É claro que, embora as cenas de agressão sexual se concentrem nos pontos de vista de Hannah e Jessica, 13 Reasons Why retrata cuidadosamente como Bryce e aqueles que são cúmplices em encobrir seus crimes. As razões de Justin pelo qual ele falhou em tirar Bryce de cima de Jessica, e porque ele mais tarde mentiu sobre as ações de Bryce, são claramente expostas e caem em uma área cinzenta entre a dicotomia irreal do bem e do mal. Da mesma forma, Justin Prentice, que interpreta Bryce, disse a Bustle que era importante para a série mostrar múltiplas facetas do personagem para pintar um quadro realista:

"Uma das coisas que eu queria fazer com Bryce era ter certeza de que ele era um ser humano. Eu não queria retratar algo que estivesse desconectado da realidade. Não que seja necessariamente uma qualidade redentora, mas ele cuida de sua amigos. Então, ele é um bom amigo em certos aspectos, o que o torna um pouco mais identificável, o que torna as coisas que ele é capaz de fazer ainda mais grotescas e surpreendentes."

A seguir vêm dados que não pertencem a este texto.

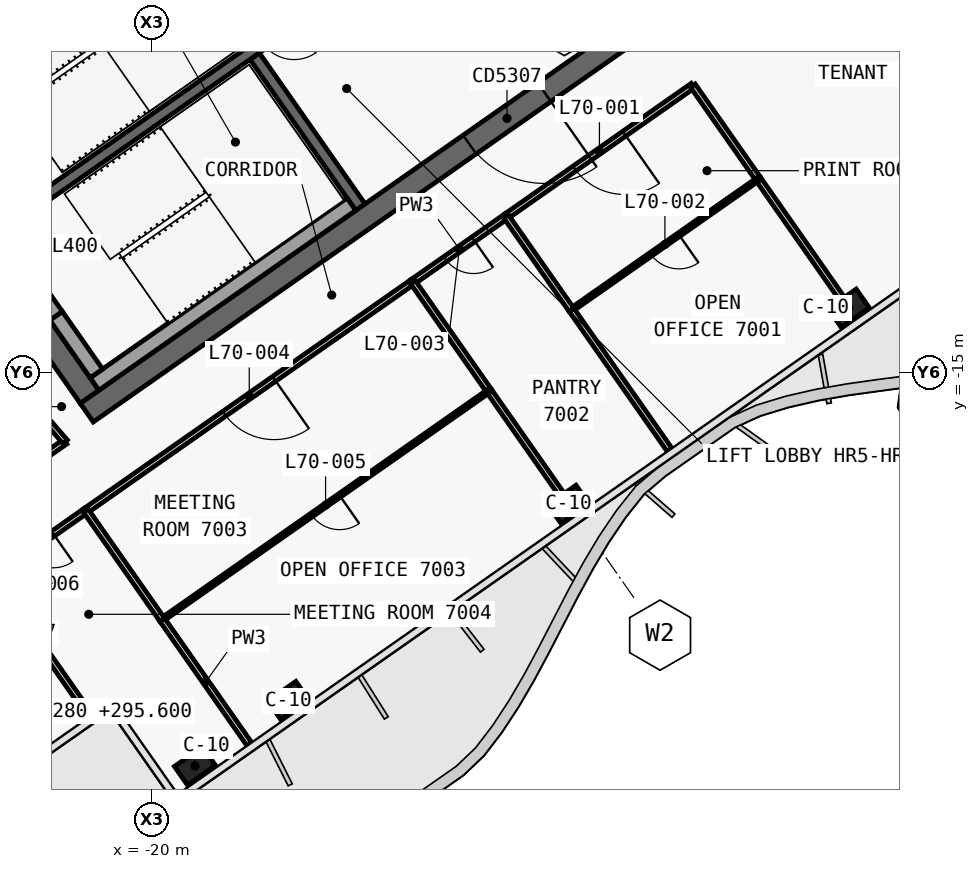
"""IFC4 building model, lengths in metres.
Left out: names, types, materials, properties, quantities, classifications, styles, units other than length and angle.
Written with IfcOpenShell. Run it as: python <this file> out.ifc"""

import sys

from ifc_helpers import new_model, si_unit, direction, frame, frame_2d, origin, origin_2d, place, context, subcontext, project, spatial, polyline, rectangle, outline, extrude, element, fill, save


model = new_model("IFC4")
c1 = context("Model", 3, precision=1e-05, world=origin(), true_north=direction((0.0, 1.0)))
c2 = subcontext(c1, "Body", "Model", "MODEL_VIEW")
j1 = project(units=[si_unit("LENGTHUNIT", "METRE"), si_unit("PLANEANGLEUNIT", "RADIAN")], contexts=[c1])
p1 = place(None, origin())
s1 = spatial("IfcSite", under=j1, at=p1, CompositionType="ELEMENT")
p2 = place(p1, origin())
s2 = spatial("IfcBuilding", under=s1, at=p2, CompositionType="ELEMENT")
p3 = place(p2, frame((0.0, 0.0, 295.6)))
s3 = spatial("IfcBuildingStorey", under=s2, at=p3, CompositionType="ELEMENT", Elevation=295.6)
p4 = place(p3, frame((-0.028, 12.066, 0.0), z_axis=(0.0, 0.0, 1.0), x_axis=(-0.819151382952, -0.573577380837, 0.0)))
e1 = element("IfcWall", 1, at=p4, inside=s3, PredefinedType="SHEAR", context=c2, shape_type="SweptSolid", body=[
    extrude(outline(polyline([(33.898, 0.3), (0.42, 0.3), (0.0, -0.3), (33.898, -0.3), (33.898, 0.3)])), origin(), (0.0, 0.0, 1.0), 3.9),
])
p5 = place(p3, frame((-0.028, -0.874, 0.0), z_axis=(0.0, 0.0, 1.0), x_axis=(-0.819150035022, -0.573579305871, 0.0)))
e2 = element("IfcWall", 2, at=p5, inside=s3, PredefinedType="SHEAR", context=c2, shape_type="SweptSolid", body=[
    extrude(outline(polyline([(26.476, 0.3), (0.42, 0.3), (0.0, -0.3), (26.476, -0.3), (26.476, 0.3)])), origin(), (0.0, 0.0, 1.0), 3.9),
])
p6 = place(p5, frame((2.976, 0.0, 0.0)))
e3 = element("IfcOpeningElement", 3, at=p6, cuts=e2, PredefinedType="OPENING", context=c2, shape_type="SweptSolid", body=[
    extrude(rectangle(XDim=2.4, YDim=2.1, at=frame_2d((1.2, 1.05))), frame((0.0, 0.31, 0.0), z_axis=(0.0, -1.0, 0.0), x_axis=(1.0, 0.0, 0.0)), (0.0, 0.0, 1.0), 0.62),
])
p7 = place(p5, frame((11.776, 0.0, 0.0)))
e4 = element("IfcOpeningElement", 4, at=p7, cuts=e2, PredefinedType="OPENING", context=c2, shape_type="SweptSolid", body=[
    extrude(rectangle(XDim=2.4, YDim=2.1, at=frame_2d((1.2, 1.05))), frame((0.0, 0.31, 0.0), z_axis=(0.0, -1.0, 0.0), x_axis=(1.0, 0.0, 0.0)), (0.0, 0.0, 1.0), 0.62),
])
p8 = place(p3, frame((-21.642, -15.642, 0.0), z_axis=(0.0, 0.0, 1.0), x_axis=(-0.573586866468, 0.819144740944, 0.0)))
e5 = element("IfcWall", 5, at=p8, inside=s3, PredefinedType="SHEAR", context=c2, shape_type="SweptSolid", body=[
    extrude(outline(polyline([(0.0, 0.3), (0.0, -0.3), (10.0, -0.3), (10.0, 0.3), (0.0, 0.3)])), origin(), (0.0, 0.0, 1.0), 3.9),
])
p9 = place(p8, frame((6.5, 0.0, 0.0)))
e6 = element("IfcOpeningElement", 6, at=p9, cuts=e5, PredefinedType="OPENING", context=c2, shape_type="SweptSolid", body=[
    extrude(rectangle(XDim=1.8, YDim=2.1, at=frame_2d((0.9, 1.05))), frame((0.0, 0.31, 0.0), z_axis=(0.0, -1.0, 0.0), x_axis=(1.0, 0.0, 0.0)), (0.0, 0.0, 1.0), 0.62),
])
p10 = place(p8, frame((2.3, 0.0, 0.0)))
e7 = element("IfcOpeningElement", 7, at=p10, cuts=e5, PredefinedType="OPENING", context=c2, shape_type="SweptSolid", body=[
    extrude(rectangle(XDim=1.8, YDim=2.1, at=frame_2d((0.9, 1.05))), frame((0.0, 0.31, 0.0), z_axis=(0.0, -1.0, 0.0), x_axis=(1.0, 0.0, 0.0)), (0.0, 0.0, 1.0), 0.62),
])
p11 = place(p3, frame((-14.515, -10.652, 0.0), z_axis=(0.0, 0.0, 1.0), x_axis=(-0.573560315113, 0.819163332265, 0.0)))
e8 = element("IfcWall", 8, at=p11, inside=s3, PredefinedType="SHEAR", context=c2, shape_type="SweptSolid", body=[
    extrude(outline(polyline([(4.85, 0.15), (0.0, 0.15), (0.0, -0.15), (4.85, -0.15), (4.85, 0.15)])), origin(), (0.0, 0.0, 1.0), 3.9),
])
p12 = place(p3, frame((-2.638, 3.768, 0.0), z_axis=(0.0, 0.0, 1.0), x_axis=(-0.819155014212, -0.573572194837, 0.0)))
e9 = element("IfcWall", 9, at=p12, inside=s3, PredefinedType="SHEAR", context=c2, shape_type="SweptSolid", body=[
    extrude(outline(polyline([(26.4, 0.15), (0.0, 0.15), (0.0, -0.15), (26.4, -0.15), (26.4, 0.15)])), origin(), (0.0, 0.0, 1.0), 3.9),
])
p13 = place(p12, frame((1.169, 0.0, 0.0)))
e10 = element("IfcOpeningElement", 10, at=p13, cuts=e9, PredefinedType="OPENING", context=c2, shape_type="SweptSolid", body=[
    extrude(rectangle(XDim=1.1, YDim=2.1, at=frame_2d((0.55, 1.05))), frame((0.0, 0.16, 0.0), z_axis=(0.0, -1.0, 0.0), x_axis=(1.0, 0.0, 0.0)), (0.0, 0.0, 1.0), 0.32),
])
p14 = place(p12, frame((3.206, 0.0, 0.0)))
e11 = element("IfcOpeningElement", 11, at=p14, cuts=e9, PredefinedType="OPENING", context=c2, shape_type="SweptSolid", body=[
    extrude(rectangle(XDim=1.1, YDim=2.1, at=frame_2d((0.55, 1.05))), frame((0.0, 0.16, 0.0), z_axis=(0.0, -1.0, 0.0), x_axis=(1.0, 0.0, 0.0)), (0.0, 0.0, 1.0), 0.32),
])
p15 = place(p12, frame((5.244, 0.0, 0.0)))
e12 = element("IfcOpeningElement", 12, at=p15, cuts=e9, PredefinedType="OPENING", context=c2, shape_type="SweptSolid", body=[
    extrude(rectangle(XDim=1.1, YDim=2.1, at=frame_2d((0.55, 1.05))), frame((0.0, 0.16, 0.0), z_axis=(0.0, -1.0, 0.0), x_axis=(1.0, 0.0, 0.0)), (0.0, 0.0, 1.0), 0.32),
])
p16 = place(p12, frame((7.281, 0.0, 0.0)))
e13 = element("IfcOpeningElement", 13, at=p16, cuts=e9, PredefinedType="OPENING", context=c2, shape_type="SweptSolid", body=[
    extrude(rectangle(XDim=1.1, YDim=2.1, at=frame_2d((0.55, 1.05))), frame((0.0, 0.16, 0.0), z_axis=(0.0, -1.0, 0.0), x_axis=(1.0, 0.0, 0.0)), (0.0, 0.0, 1.0), 0.32),
])
p17 = place(p12, frame((9.688, 0.0, 0.0)))
e14 = element("IfcOpeningElement", 14, at=p17, cuts=e9, PredefinedType="OPENING", context=c2, shape_type="SweptSolid", body=[
    extrude(rectangle(XDim=1.1, YDim=2.1, at=frame_2d((0.55, 1.05))), frame((0.0, 0.16, 0.0), z_axis=(0.0, -1.0, 0.0), x_axis=(1.0, 0.0, 0.0)), (0.0, 0.0, 1.0), 0.32),
])
p18 = place(p12, frame((11.863, 0.0, 0.0)))
e15 = element("IfcOpeningElement", 15, at=p18, cuts=e9, PredefinedType="OPENING", context=c2, shape_type="SweptSolid", body=[
    extrude(rectangle(XDim=1.1, YDim=2.1, at=frame_2d((0.55, 1.05))), frame((0.0, 0.16, 0.0), z_axis=(0.0, -1.0, 0.0), x_axis=(1.0, 0.0, 0.0)), (0.0, 0.0, 1.0), 0.32),
])
p19 = place(p12, frame((14.552, 0.0, 0.0)))
e16 = element("IfcOpeningElement", 16, at=p19, cuts=e9, PredefinedType="OPENING", context=c2, shape_type="SweptSolid", body=[
    extrude(rectangle(XDim=1.0, YDim=2.1, at=frame_2d((0.5, 1.05))), frame((0.0, 0.16, 0.0), z_axis=(0.0, -1.0, 0.0), x_axis=(1.0, 0.0, 0.0)), (0.0, 0.0, 1.0), 0.32),
])
p20 = place(p12, frame((16.627, 0.0, 0.0)))
e17 = element("IfcOpeningElement", 17, at=p20, cuts=e9, PredefinedType="OPENING", context=c2, shape_type="SweptSolid", body=[
    extrude(rectangle(XDim=1.0, YDim=2.1, at=frame_2d((0.5, 1.05))), frame((0.0, 0.16, 0.0), z_axis=(0.0, -1.0, 0.0), x_axis=(1.0, 0.0, 0.0)), (0.0, 0.0, 1.0), 0.32),
])
for number, where, z_axis, x_axis in (
    (18, (-1.665, -13.313, 0.0), (0.0, 0.0, 1.0), (-0.819, -0.574, 0.0)),
    (19, (-9.038, -18.475, 0.0), (0.0, 0.0, 1.0), (-0.819, -0.574, 0.0)),
    (20, (-16.41, -23.637, 0.0), (0.0, 0.0, 1.0), (-0.819, -0.574, 0.0)),
    (21, (-18.867, -25.358, 0.0), (0.0, 0.0, 1.0), (-0.819, -0.574, 0.0)),
):
    element("IfcColumn", number, at=place(p3, frame(where, z_axis=z_axis, x_axis=x_axis)), inside=s3, PredefinedType="COLUMN", context=c2, shape_type="SweptSolid", body=[
        extrude(rectangle(XDim=0.9, YDim=0.6, at=origin_2d()), origin(), (0.0, 0.0, 1.0), 3.9),
    ])
p21 = place(p3, frame((-20.259, -2.71, 0.0), z_axis=(0.0, 0.0, 1.0), x_axis=(-0.81914849389, -0.573581506813, 0.0)))
e22 = element("IfcWall", 22, at=p21, inside=s3, PredefinedType="SOLIDWALL", context=c2, shape_type="SweptSolid", body=[
    extrude(rectangle(XDim=8.25, YDim=0.4, at=frame_2d((4.125, 0.0))), origin(), (0.0, 0.0, 1.0), 3.62),
])
p22 = place(p3, frame((-14.753, -10.574, 0.0), z_axis=(0.0, 0.0, 1.0), x_axis=(-0.819158229677, -0.573567602601, 0.0)))
e23 = element("IfcWall", 23, at=p22, inside=s3, PredefinedType="SOLIDWALL", context=c2, shape_type="SweptSolid", body=[
    extrude(rectangle(XDim=8.25, YDim=0.4, at=frame_2d((4.125, 0.0))), origin(), (0.0, 0.0, 1.0), 3.62),
])
p23 = place(p3, frame((-21.462, -15.028, 0.0), z_axis=(0.0, 0.0, 1.0), x_axis=(-0.573559770908, 0.819163713305, 0.0)))
e24 = element("IfcWall", 24, at=p23, inside=s3, PredefinedType="SOLIDWALL", context=c2, shape_type="SweptSolid", body=[
    extrude(rectangle(XDim=1.85, YDim=0.4, at=frame_2d((0.925, 0.0))), origin(), (0.0, 0.0, 1.0), 3.62),
])
p24 = place(p3, frame((-22.523, -13.512, 2.15), z_axis=(0.0, 0.0, 1.0), x_axis=(-0.573591692345, 0.819141361715, 0.0)))
e25 = element("IfcWall", 25, at=p24, inside=s3, PredefinedType="SOLIDWALL", context=c2, shape_type="SweptSolid", body=[
    extrude(rectangle(XDim=1.9, YDim=0.4, at=frame_2d((0.95, 0.0))), origin(), (0.0, 0.0, 1.0), 1.47),
])
p25 = place(p3, frame((-26.54, -19.804, 0.0), z_axis=(0.0, 0.0, 1.0), x_axis=(0.819163496387, 0.573560080713, 0.0)))
e26 = element("IfcWall", 26, at=p25, inside=s3, PredefinedType="PARTITIONING", context=c2, shape_type="SweptSolid", body=[
    extrude(rectangle(XDim=5.197, YDim=0.15, at=frame_2d((2.598, 0.0))), origin(), (0.0, 0.0, 1.0), 3.05),
])
p26 = place(p25, frame((1.799, 0.0, 0.0)))
e27 = element("IfcOpeningElement", 27, at=p26, cuts=e26, PredefinedType="OPENING", context=c2, shape_type="SweptSolid", body=[
    extrude(rectangle(XDim=1.6, YDim=2.1, at=frame_2d((0.8, 1.05))), frame((0.0, 0.085, 0.0), z_axis=(0.0, -1.0, 0.0), x_axis=(1.0, 0.0, 0.0)), (0.0, 0.0, 1.0), 0.17),
])
p27 = place(p3, frame((-5.766, -7.456, 0.0), z_axis=(0.0, 0.0, 1.0), x_axis=(-0.819147828287, -0.573582457378, 0.0)))
e28 = element("IfcWall", 28, at=p27, inside=s3, PredefinedType="PARTITIONING", context=c2, shape_type="SweptSolid", body=[
    extrude(rectangle(XDim=6.002, YDim=0.15, at=frame_2d((3.001, 0.0))), origin(), (0.0, 0.0, 1.0), 3.05),
])
p28 = place(p27, frame((2.201, 0.0, 0.0)))
e29 = element("IfcOpeningElement", 29, at=p28, cuts=e28, PredefinedType="OPENING", context=c2, shape_type="SweptSolid", body=[
    extrude(rectangle(XDim=1.6, YDim=2.1, at=frame_2d((0.8, 1.05))), frame((0.0, 0.085, 0.0), z_axis=(0.0, -1.0, 0.0), x_axis=(1.0, 0.0, 0.0)), (0.0, 0.0, 1.0), 0.17),
])
p29 = place(p3, frame((-10.68, -10.896, 0.0), z_axis=(0.0, 0.0, 1.0), x_axis=(-0.819128818764, -0.573609604409, 0.0)))
e30 = element("IfcWall", 30, at=p29, inside=s3, PredefinedType="PARTITIONING", context=c2, shape_type="SweptSolid", body=[
    extrude(rectangle(XDim=3.004, YDim=0.15, at=frame_2d((1.502, 0.0))), origin(), (0.0, 0.0, 1.0), 3.05),
])
p30 = place(p29, frame((1.052, 0.0, 0.0)))
e31 = element("IfcOpeningElement", 31, at=p30, cuts=e30, PredefinedType="OPENING", context=c2, shape_type="SweptSolid", body=[
    extrude(rectangle(XDim=0.9, YDim=2.1, at=frame_2d((0.45, 1.05))), frame((0.0, 0.085, 0.0), z_axis=(0.0, -1.0, 0.0), x_axis=(1.0, 0.0, 0.0)), (0.0, 0.0, 1.0), 0.17),
])
p31 = place(p3, frame((-13.137, -12.617, 0.0), z_axis=(0.0, 0.0, 1.0), x_axis=(-0.819156568366, -0.573569975245, 0.0)))
e32 = element("IfcWall", 32, at=p31, inside=s3, PredefinedType="PARTITIONING", context=c2, shape_type="SweptSolid", body=[
    extrude(rectangle(XDim=10.504, YDim=0.15, at=frame_2d((5.252, 0.0))), origin(), (0.0, 0.0, 1.0), 3.05),
])
p32 = place(p31, frame((4.452, 0.0, 0.0)))
e33 = element("IfcOpeningElement", 33, at=p32, cuts=e32, PredefinedType="OPENING", context=c2, shape_type="SweptSolid", body=[
    extrude(rectangle(XDim=1.6, YDim=2.1, at=frame_2d((0.8, 1.05))), frame((0.0, 0.085, 0.0), z_axis=(0.0, -1.0, 0.0), x_axis=(1.0, 0.0, 0.0)), (0.0, 0.0, 1.0), 0.17),
])
p33 = place(p3, frame((-21.738, -18.639, 0.0), z_axis=(0.0, 0.0, 1.0), x_axis=(-0.81916700466, -0.573555070134, 0.0)))
e34 = element("IfcWall", 34, at=p33, inside=s3, PredefinedType="PARTITIONING", context=c2, shape_type="SweptSolid", body=[
    extrude(rectangle(XDim=3.004, YDim=0.15, at=frame_2d((1.502, 0.0))), origin(), (0.0, 0.0, 1.0), 3.05),
])
p34 = place(p33, frame((1.052, 0.0, 0.0)))
e35 = element("IfcOpeningElement", 35, at=p34, cuts=e34, PredefinedType="OPENING", context=c2, shape_type="SweptSolid", body=[
    extrude(rectangle(XDim=0.9, YDim=2.1, at=frame_2d((0.45, 1.05))), frame((0.0, 0.085, 0.0), z_axis=(0.0, -1.0, 0.0), x_axis=(1.0, 0.0, 0.0)), (0.0, 0.0, 1.0), 0.17),
])
p35 = place(p3, frame((-1.849, -13.051, 0.0), z_axis=(0.0, 0.0, 1.0), x_axis=(-0.573586379587, 0.81914508187, 0.0)))
e36 = element("IfcWall", 36, at=p35, inside=s3, PredefinedType="PARTITIONING", context=c2, shape_type="SweptSolid", body=[
    extrude(rectangle(XDim=3.831, YDim=0.15, at=frame_2d((1.916, 0.0))), origin(), (0.0, 0.0, 1.0), 3.05),
])
p36 = place(p3, frame((-4.044, -9.915, 0.0), z_axis=(0.0, 0.0, 1.0), x_axis=(-0.573609604409, 0.819128818764, 0.0)))
e37 = element("IfcWall", 37, at=p36, inside=s3, PredefinedType="PARTITIONING", context=c2, shape_type="SweptSolid", body=[
    extrude(rectangle(XDim=3.004, YDim=0.15, at=frame_2d((1.502, 0.0))), origin(), (0.0, 0.0, 1.0), 3.05),
])
p37 = place(p3, frame((-22.284, -16.826, 0.0), z_axis=(0.0, 0.0, 1.0), x_axis=(-0.656758142177, 0.754101281449, 0.0)))
e38 = element("IfcWall", 38, at=p37, inside=s3, PredefinedType="PARTITIONING", context=c2, shape_type="SweptSolid", body=[
    extrude(rectangle(XDim=6.539, YDim=0.15, at=frame_2d((3.269, 0.0))), origin(), (0.0, 0.0, 1.0), 3.62),
])
p38 = place(p3, frame((-4.045, -9.914, 0.0), z_axis=(0.0, 0.0, 1.0), x_axis=(-0.819149710902, -0.573579768758, 0.0)))
e39 = element("IfcWall", 39, at=p38, inside=s3, PredefinedType="PARTITIONING", context=c2, shape_type="SweptSolid", body=[
    extrude(rectangle(XDim=6.0, YDim=0.1, at=frame_2d((3.0, 0.0))), origin(), (0.0, 0.0, 1.0), 3.05),
])
p39 = place(p38, frame((2.55, 0.0, 0.0)))
e40 = element("IfcOpeningElement", 40, at=p39, cuts=e39, PredefinedType="OPENING", context=c2, shape_type="SweptSolid", body=[
    extrude(rectangle(XDim=0.9, YDim=2.1, at=frame_2d((0.45, 1.05))), frame((0.0, 0.06, 0.0), z_axis=(0.0, -1.0, 0.0), x_axis=(1.0, 0.0, 0.0)), (0.0, 0.0, 1.0), 0.12),
])
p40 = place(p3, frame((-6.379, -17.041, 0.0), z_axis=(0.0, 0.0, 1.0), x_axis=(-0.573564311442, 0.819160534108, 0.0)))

Ao contrário de Ramsay Bolton e de muitos outros personagens malignos de TV e filmes cuja depravação é comprovada por meio de cenas de estupro e agressão sexual, Bryce é ainda mais realista (e mais assustador) porque ele começa com 13 razões do porquê como um atleta popular que é amado por muitos. É uma imagem muito mais próxima de nossa própria realidade, que inclui casos altamente divulgados de estupro e agressão sexual como os de Steubenville, jogadores de futebol de Ohio, e do nadador da Universidade de Stanford, Brock Turner.

Todos esses detalhes entrelaçados na narrativa de 13 motivos ajudam a criar um enredo bem desenvolvido sobre as ações de Bryce que se concentra não nele, mas em suas vítimas. Conforme explicado por Hannah em suas próprias palavras, o estupro de Bryce impactou negativamente sua saúde mental e contribuiu para seus pensamentos suicidas. Jessica também é retratada processando o que aconteceu com ela, tomando decisões para seguir em frente - com indícios de que ela pode apresentar queixa contra Bryce. A narrativa desta série é uma história importante a ser contada, uma que ainda não foi contada antes na TV e no cinema - pelo menos, não exatamente da mesma maneira. Jessica Jones, da Netflix, e Sweet / Vicious, da MTV, receberam elogios por representações atenciosas de estupro e agressão sexual, bem como seus efeitos sobre as vítimas,e 13 razões porque é mais um passo na direção certa para o retrato desses assuntos na TV.

13 razões pelas quais a primeira temporada está disponível na íntegra no Netflix.